Preventing Apparatus Rollover Fatalities And Injuries

Sept. 1, 2000
The July Emergency Vehicle Operations column listed seven apparatus rollover case studies. This month we will examine the lessons learned through those case studies.

The first common factor, the one that causes a majority of apparatus rollovers, is apparatus going off the pavement and onto the shoulder of the road. In the apparatus driving classes that I teach there are several commonly asked questions. The most common is, if the apparatus leaves the pavement, how do I bring it back onto the pavement without losing control and rolling over?

Not wanting to re-invent the wheel, I reply that the answer is contained in the U.S. Fire Administration's 1999 Firefighter Fatality report.
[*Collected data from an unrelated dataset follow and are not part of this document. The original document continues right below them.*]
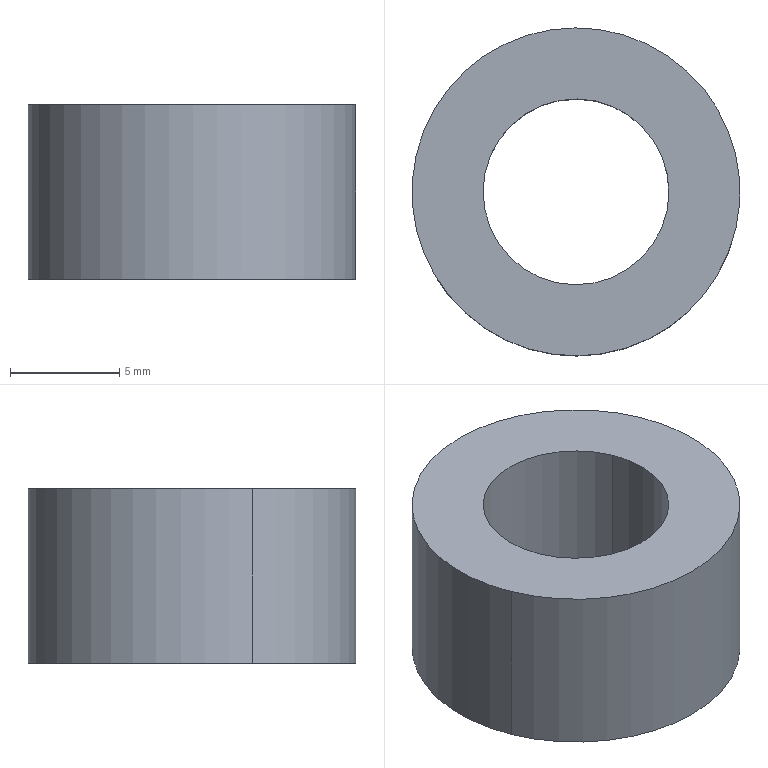Component | SolidWorks | CylinderWasher2-1 | 1 solid | 6 faces | box 15 x 15 x 8 mm | volume 960 mm3 | cylinder 4 | plane 2 | commonest cylinder face diameters 8.5 x2 15 x2
build123d program:
from build123d import *

# Parameters (mm, degrees)
SKETCH1_R           = 7.5
SKETCH1_R_2         = 4.25
BOSS_EXTRUDE1_DEPTH = 8


with BuildPart() as part:
    # Sketch1 → Boss-Extrude1 (new body)
    with BuildSketch(Plane.XY):
        Circle(SKETCH1_R)
        Circle(SKETCH1_R_2, mode=Mode.SUBTRACT)
    extrude(amount=BOSS_EXTRUDE1_DEPTH)


solid = part.part

# Placed as in the assembly
solid = solid.moved(Location((-33.181, 22.568, 7), (0, 0, 0)))
STEP:
#1=COLOUR_RGB('',0.7922,0.8196,0.9333);
#2=FILL_AREA_STYLE_COLOUR('',#1);
#3=FILL_AREA_STYLE('',(#2));
#4=SURFACE_STYLE_FILL_AREA(#3);
#5=SURFACE_SIDE_STYLE('',(#4));
#6=SURFACE_STYLE_USAGE(.BOTH.,#5);
#7=PRESENTATION_STYLE_ASSIGNMENT((#6));
#8=CARTESIAN_POINT('',(-1.151,0.9505,0.5906));
#9=VERTEX_POINT('',#8);
#10=CARTESIAN_POINT('',(-1.462,0.8265,0.5906));
#11=VERTEX_POINT('',#10);
#12=CARTESIAN_POINT('',(-1.306,0.8885,0.5906));
#13=DIRECTION('',(0.,0.,1.));
#14=DIRECTION('',(-0.9287,-0.3707,0.));
#15=AXIS2_PLACEMENT_3D('',#12,#13,#14);
#16=CIRCLE('',#15,0.1673);
#17=EDGE_CURVE('',#9,#11,#16,.T.);
#18=ORIENTED_EDGE('',*,*,#17,.T.);
#19=CARTESIAN_POINT('',(-1.462,0.8265,0.2756));
#20=VERTEX_POINT('',#19);
#21=CARTESIAN_POINT('',(-1.462,0.8265,0.5906));
#22=DIRECTION('',(0.,0.,-1.));
#23=VECTOR('',#22,39.37);
#24=LINE('',#21,#23);
#25=EDGE_CURVE('',#11,#20,#24,.T.);
#26=ORIENTED_EDGE('',*,*,#25,.T.);
#27=CARTESIAN_POINT('',(-1.151,0.9505,0.2756));
#28=VERTEX_POINT('',#27);
#29=CARTESIAN_POINT('',(-1.306,0.8885,0.2756));
#30=DIRECTION('',(0.,0.,1.));
#31=DIRECTION('',(-0.9287,-0.3707,0.));
#32=AXIS2_PLACEMENT_3D('',#29,#30,#31);
#33=CIRCLE('',#32,0.1673);
#34=EDGE_CURVE('',#28,#20,#33,.T.);
#35=ORIENTED_EDGE('',*,*,#34,.F.);
#36=CARTESIAN_POINT('',(-1.151,0.9505,0.5906));
#37=DIRECTION('',(0.,0.,-1.));
#38=VECTOR('',#37,39.37);
#39=LINE('',#36,#38);
#40=EDGE_CURVE('',#9,#28,#39,.T.);
#41=ORIENTED_EDGE('',*,*,#40,.F.);
#42=EDGE_LOOP('',(#18,#26,#35,#41));
#43=FACE_OUTER_BOUND('',#42,.T.);
#44=CARTESIAN_POINT('',(-1.306,0.8885,0.5906));
#45=DIRECTION('',(0.,0.,-1.));
#46=DIRECTION('',(0.9287,0.3707,0.));
#47=AXIS2_PLACEMENT_3D('',#44,#45,#46);
#48=CYLINDRICAL_SURFACE('',#47,0.1673);
#49=ADVANCED_FACE('',(#43),#48,.F.);
#50=CARTESIAN_POINT('',(-1.581,0.779,0.5906));
#51=VERTEX_POINT('',#50);
#52=CARTESIAN_POINT('',(-1.032,0.998,0.5906));
#53=VERTEX_POINT('',#52);
#54=CARTESIAN_POINT('',(-1.306,0.8885,0.5906));
#55=DIRECTION('',(0.,0.,1.));
#56=DIRECTION('',(-0.9287,-0.3707,0.));
#57=AXIS2_PLACEMENT_3D('',#54,#55,#56);
#58=CIRCLE('',#57,0.2953);
#59=EDGE_CURVE('',#51,#53,#58,.T.);
#60=ORIENTED_EDGE('',*,*,#59,.F.);
#61=CARTESIAN_POINT('',(-1.581,0.779,0.2756));
#62=VERTEX_POINT('',#61);
#63=CARTESIAN_POINT('',(-1.581,0.779,0.5906));
#64=DIRECTION('',(0.,0.,-1.));
#65=VECTOR('',#64,39.37);
#66=LINE('',#63,#65);
#67=EDGE_CURVE('',#51,#62,#66,.T.);
#68=ORIENTED_EDGE('',*,*,#67,.T.);
#69=CARTESIAN_POINT('',(-1.032,0.998,0.2756));
#70=VERTEX_POINT('',#69);
#71=CARTESIAN_POINT('',(-1.306,0.8885,0.2756));
#72=DIRECTION('',(0.,0.,1.));
#73=DIRECTION('',(-0.9287,-0.3707,0.));
#74=AXIS2_PLACEMENT_3D('',#71,#72,#73);
#75=CIRCLE('',#74,0.2953);
#76=EDGE_CURVE('',#62,#70,#75,.T.);
#77=ORIENTED_EDGE('',*,*,#76,.T.);
#78=CARTESIAN_POINT('',(-1.032,0.998,0.5906));
#79=DIRECTION('',(0.,0.,-1.));
#80=VECTOR('',#79,39.37);
#81=LINE('',#78,#80);
#82=EDGE_CURVE('',#53,#70,#81,.T.);
#83=ORIENTED_EDGE('',*,*,#82,.F.);
#84=EDGE_LOOP('',(#60,#68,#77,#83));
#85=FACE_OUTER_BOUND('',#84,.T.);
#86=CARTESIAN_POINT('',(-1.306,0.8885,0.5906));
#87=DIRECTION('',(0.,0.,-1.));
#88=DIRECTION('',(0.9287,0.3707,0.));
#89=AXIS2_PLACEMENT_3D('',#86,#87,#88);
#90=CYLINDRICAL_SURFACE('',#89,0.2953);
#91=ADVANCED_FACE('',(#85),#90,.T.);
#92=CARTESIAN_POINT('',(-1.306,0.8885,0.5906));
#93=DIRECTION('',(0.,0.,1.));
#94=DIRECTION('',(-0.9287,-0.3707,0.));
#95=AXIS2_PLACEMENT_3D('',#92,#93,#94);
#96=CIRCLE('',#95,0.2953);
#97=EDGE_CURVE('',#53,#51,#96,.T.);
#98=ORIENTED_EDGE('',*,*,#97,.T.);
#99=ORIENTED_EDGE('',*,*,#59,.T.);
#100=EDGE_LOOP('',(#98,#99));
#101=FACE_OUTER_BOUND('',#100,.T.);
#102=ORIENTED_EDGE('',*,*,#17,.F.);
#103=CARTESIAN_POINT('',(-1.306,0.8885,0.5906));
#104=DIRECTION('',(0.,0.,1.));
#105=DIRECTION('',(-0.9287,-0.3707,0.));
#106=AXIS2_PLACEMENT_3D('',#103,#104,#105);
#107=CIRCLE('',#106,0.1673);
#108=EDGE_CURVE('',#11,#9,#107,.T.);
#109=ORIENTED_EDGE('',*,*,#108,.F.);
#110=EDGE_LOOP('',(#102,#109));
#111=FACE_BOUND('',#110,.T.);
#112=CARTESIAN_POINT('',(-1.306,0.8885,0.5906));
#113=DIRECTION('',(0.,0.,1.));
#114=DIRECTION('',(-0.9287,-0.3707,0.));
#115=AXIS2_PLACEMENT_3D('',#112,#113,#114);
#116=PLANE('',#115);
#117=ADVANCED_FACE('',(#101,#111),#116,.T.);
#118=CARTESIAN_POINT('',(-1.306,0.8885,0.2756));
#119=DIRECTION('',(0.,0.,1.));
#120=DIRECTION('',(-0.9287,-0.3707,0.));
#121=AXIS2_PLACEMENT_3D('',#118,#119,#120);
#122=CIRCLE('',#121,0.2953);
#123=EDGE_CURVE('',#70,#62,#122,.T.);
#124=ORIENTED_EDGE('',*,*,#123,.F.);
#125=ORIENTED_EDGE('',*,*,#76,.F.);
#126=EDGE_LOOP('',(#124,#125));
#127=FACE_OUTER_BOUND('',#126,.T.);
#128=ORIENTED_EDGE('',*,*,#34,.T.);
#129=CARTESIAN_POINT('',(-1.306,0.8885,0.2756));
#130=DIRECTION('',(0.,0.,1.));
#131=DIRECTION('',(-0.9287,-0.3707,0.));
#132=AXIS2_PLACEMENT_3D('',#129,#130,#131);
#133=CIRCLE('',#132,0.1673);
#134=EDGE_CURVE('',#20,#28,#133,.T.);
#135=ORIENTED_EDGE('',*,*,#134,.T.);
#136=EDGE_LOOP('',(#128,#135));
#137=FACE_BOUND('',#136,.T.);
#138=CARTESIAN_POINT('',(-1.306,0.8885,0.2756));
#139=DIRECTION('',(0.,0.,1.));
#140=DIRECTION('',(-0.9287,-0.3707,0.));
#141=AXIS2_PLACEMENT_3D('',#138,#139,#140);
#142=PLANE('',#141);
#143=ADVANCED_FACE('',(#127,#137),#142,.F.);
#144=ORIENTED_EDGE('',*,*,#67,.F.);
#145=ORIENTED_EDGE('',*,*,#97,.F.);
#146=ORIENTED_EDGE('',*,*,#82,.T.);
#147=ORIENTED_EDGE('',*,*,#123,.T.);
#148=EDGE_LOOP('',(#144,#145,#146,#147));
#149=FACE_OUTER_BOUND('',#148,.T.);
#150=CARTESIAN_POINT('',(-1.306,0.8885,0.5906));
#151=DIRECTION('',(0.,0.,-1.));
#152=DIRECTION('',(0.9287,0.3707,0.));
#153=AXIS2_PLACEMENT_3D('',#150,#151,#152);
#154=CYLINDRICAL_SURFACE('',#153,0.2953);
#155=ADVANCED_FACE('',(#149),#154,.T.);
#156=ORIENTED_EDGE('',*,*,#25,.F.);
#157=ORIENTED_EDGE('',*,*,#108,.T.);
#158=ORIENTED_EDGE('',*,*,#40,.T.);
#159=ORIENTED_EDGE('',*,*,#134,.F.);
#160=EDGE_LOOP('',(#156,#157,#158,#159));
#161=FACE_OUTER_BOUND('',#160,.T.);
#162=CARTESIAN_POINT('',(-1.306,0.8885,0.5906));
#163=DIRECTION('',(0.,0.,-1.));
#164=DIRECTION('',(0.9287,0.3707,0.));
#165=AXIS2_PLACEMENT_3D('',#162,#163,#164);
#166=CYLINDRICAL_SURFACE('',#165,0.1673);
#167=ADVANCED_FACE('',(#161),#166,.F.);
#168=CLOSED_SHELL('',(#49,#91,#117,#143,#155,#167));
#169=MANIFOLD_SOLID_BREP('',#168);
#170=STYLED_ITEM('',(#7),#169);
#171=PRESENTATION_LAYER_ASSIGNMENT('','',(#170));
#172=CARTESIAN_POINT('',(0.,0.,0.));
#173=DIRECTION('',(0.,0.,1.));
#174=DIRECTION('',(1.,0.,0.));
#175=AXIS2_PLACEMENT_3D('',#172,#173,#174);
#176=(LENGTH_UNIT()NAMED_UNIT(*)SI_UNIT($,.METRE.));
#177=LENGTH_MEASURE_WITH_UNIT(LENGTH_MEASURE(0.0254),#176);
#178=DIMENSIONAL_EXPONENTS(1.,0.,0.,0.,0.,0.,0.);
#179=(CONVERSION_BASED_UNIT('',#177)LENGTH_UNIT()NAMED_UNIT(#178));
#180=UNCERTAINTY_MEASURE_WITH_UNIT(LENGTH_MEASURE(0.00001),#179,'','');
#181=(NAMED_UNIT(*)PLANE_ANGLE_UNIT()SI_UNIT($,.RADIAN.));
#182=(NAMED_UNIT(*)SI_UNIT($,.STERADIAN.)SOLID_ANGLE_UNIT());
#183=(GEOMETRIC_REPRESENTATION_CONTEXT(3)GLOBAL_UNCERTAINTY_ASSIGNED_CONTEXT((#180))GLOBAL_UNIT_ASSIGNED_CONTEXT((#179,#181,#182))REPRESENTATION_CONTEXT('',''));
#184=ADVANCED_BREP_SHAPE_REPRESENTATION('',(#169,#175),#183);
#185=(LENGTH_UNIT()NAMED_UNIT(*)SI_UNIT($,.METRE.));
#186=LENGTH_MEASURE_WITH_UNIT(LENGTH_MEASURE(0.0254),#185);
#187=DIMENSIONAL_EXPONENTS(1.,0.,0.,0.,0.,0.,0.);
#188=(CONVERSION_BASED_UNIT('',#186)LENGTH_UNIT()NAMED_UNIT(#187));
#189=UNCERTAINTY_MEASURE_WITH_UNIT(LENGTH_MEASURE(0.00001),#188,'','');
#190=(NAMED_UNIT(*)PLANE_ANGLE_UNIT()SI_UNIT($,.RADIAN.));
#191=(NAMED_UNIT(*)SI_UNIT($,.STERADIAN.)SOLID_ANGLE_UNIT());
#192=(GEOMETRIC_REPRESENTATION_CONTEXT(3)GLOBAL_UNCERTAINTY_ASSIGNED_CONTEXT((#189))GLOBAL_UNIT_ASSIGNED_CONTEXT((#188,#190,#191))REPRESENTATION_CONTEXT('',''));
#193=MECHANICAL_DESIGN_GEOMETRIC_PRESENTATION_REPRESENTATION('',(#170),#192);

The USFA report states that a very common scenario is for the right wheels of the apparatus to leave the road for some reason, for the driver to fight to regain control of the vehicle, and for the vehicle to collide with a fixed object such as a tree or rollover when the apparatus leaves the left side of the road. Fire apparatus are wide vehicles and fire apparatus drivers/operators may have a tendency to hug the right side of the road.

The following guidelines can help to reduce the incidence of this type of collision or to reduce the severity of such collisions.

  • Fire apparatus drivers/operators must limit their speed to one that is reasonable for the road conditions, the size of the vehicle, the configuration of the vehicle, the topography of the response route (curves, hills) and visibility (fog, dark, precipitation). Many fire departments have adopted speed limits for responding apparatus that are a maximum of 10 mph above the posted speed limit if conditions permit. In some areas or states, fire apparatus may not be permitted to travel above the speed limit in any situation. In many of the collisions described in our case studies, speed was a contributing factor.
  • Younger or inexperienced drivers demand special attention to reinforce the importance of speed control and decisions about the need to respond safely.
  • If possible, avoid small roads with no improved shoulders. This is not possible or practical in all situations, especially emergency response.
  • The apparatus driver/operator should use as much of the road as is needed to operate safely. Especially during an emergency response where traffic is yielding, a position closer to the center of the road will prevent slipping off to the right. In some situations, such as in curves and on hills, the best place for responding apparatus is in their defined lane at a slower speed.
  • If a vehicle leaves the right side of the road and conditions permit, the driver should take his or her foot off of the throttle and slow to a speed that allows the vehicle to come back onto the roadway safely. "Fighting" to get the vehicle on the road at speed may lead to a collision or rollover.
  • A publication available from the USFA, Emergency Vehicle Driver Training, provides excellent information on driver safety for emergency vehicles. The publication, FA-110, is free and can be obtained through the Internet as a PDF document; as a hard copy at; or by writing to U.S. Fire Administration, Publications Center, 16825 South Seton Ave., Emmitsburg, MD 21727. Also, you can obtain a copy of the 1999 Firefighters Fatality Report from the USFA or on the Internet at

I would like to address a few issues contained in the excerpts from the USFA report:

Speed. Individual states and their municipalities have set speed limits. Putting speed limits in fire department operating guidelines and procedures could be counter productive. If a state, such as my state, New York, has a statute that will enable emergency vehicle operators to exceed maximum speed limits so long as the driver/operator does not endanger life or property why would the fire department put in writing that fire apparatus should not go over 10 mph over the posted limit?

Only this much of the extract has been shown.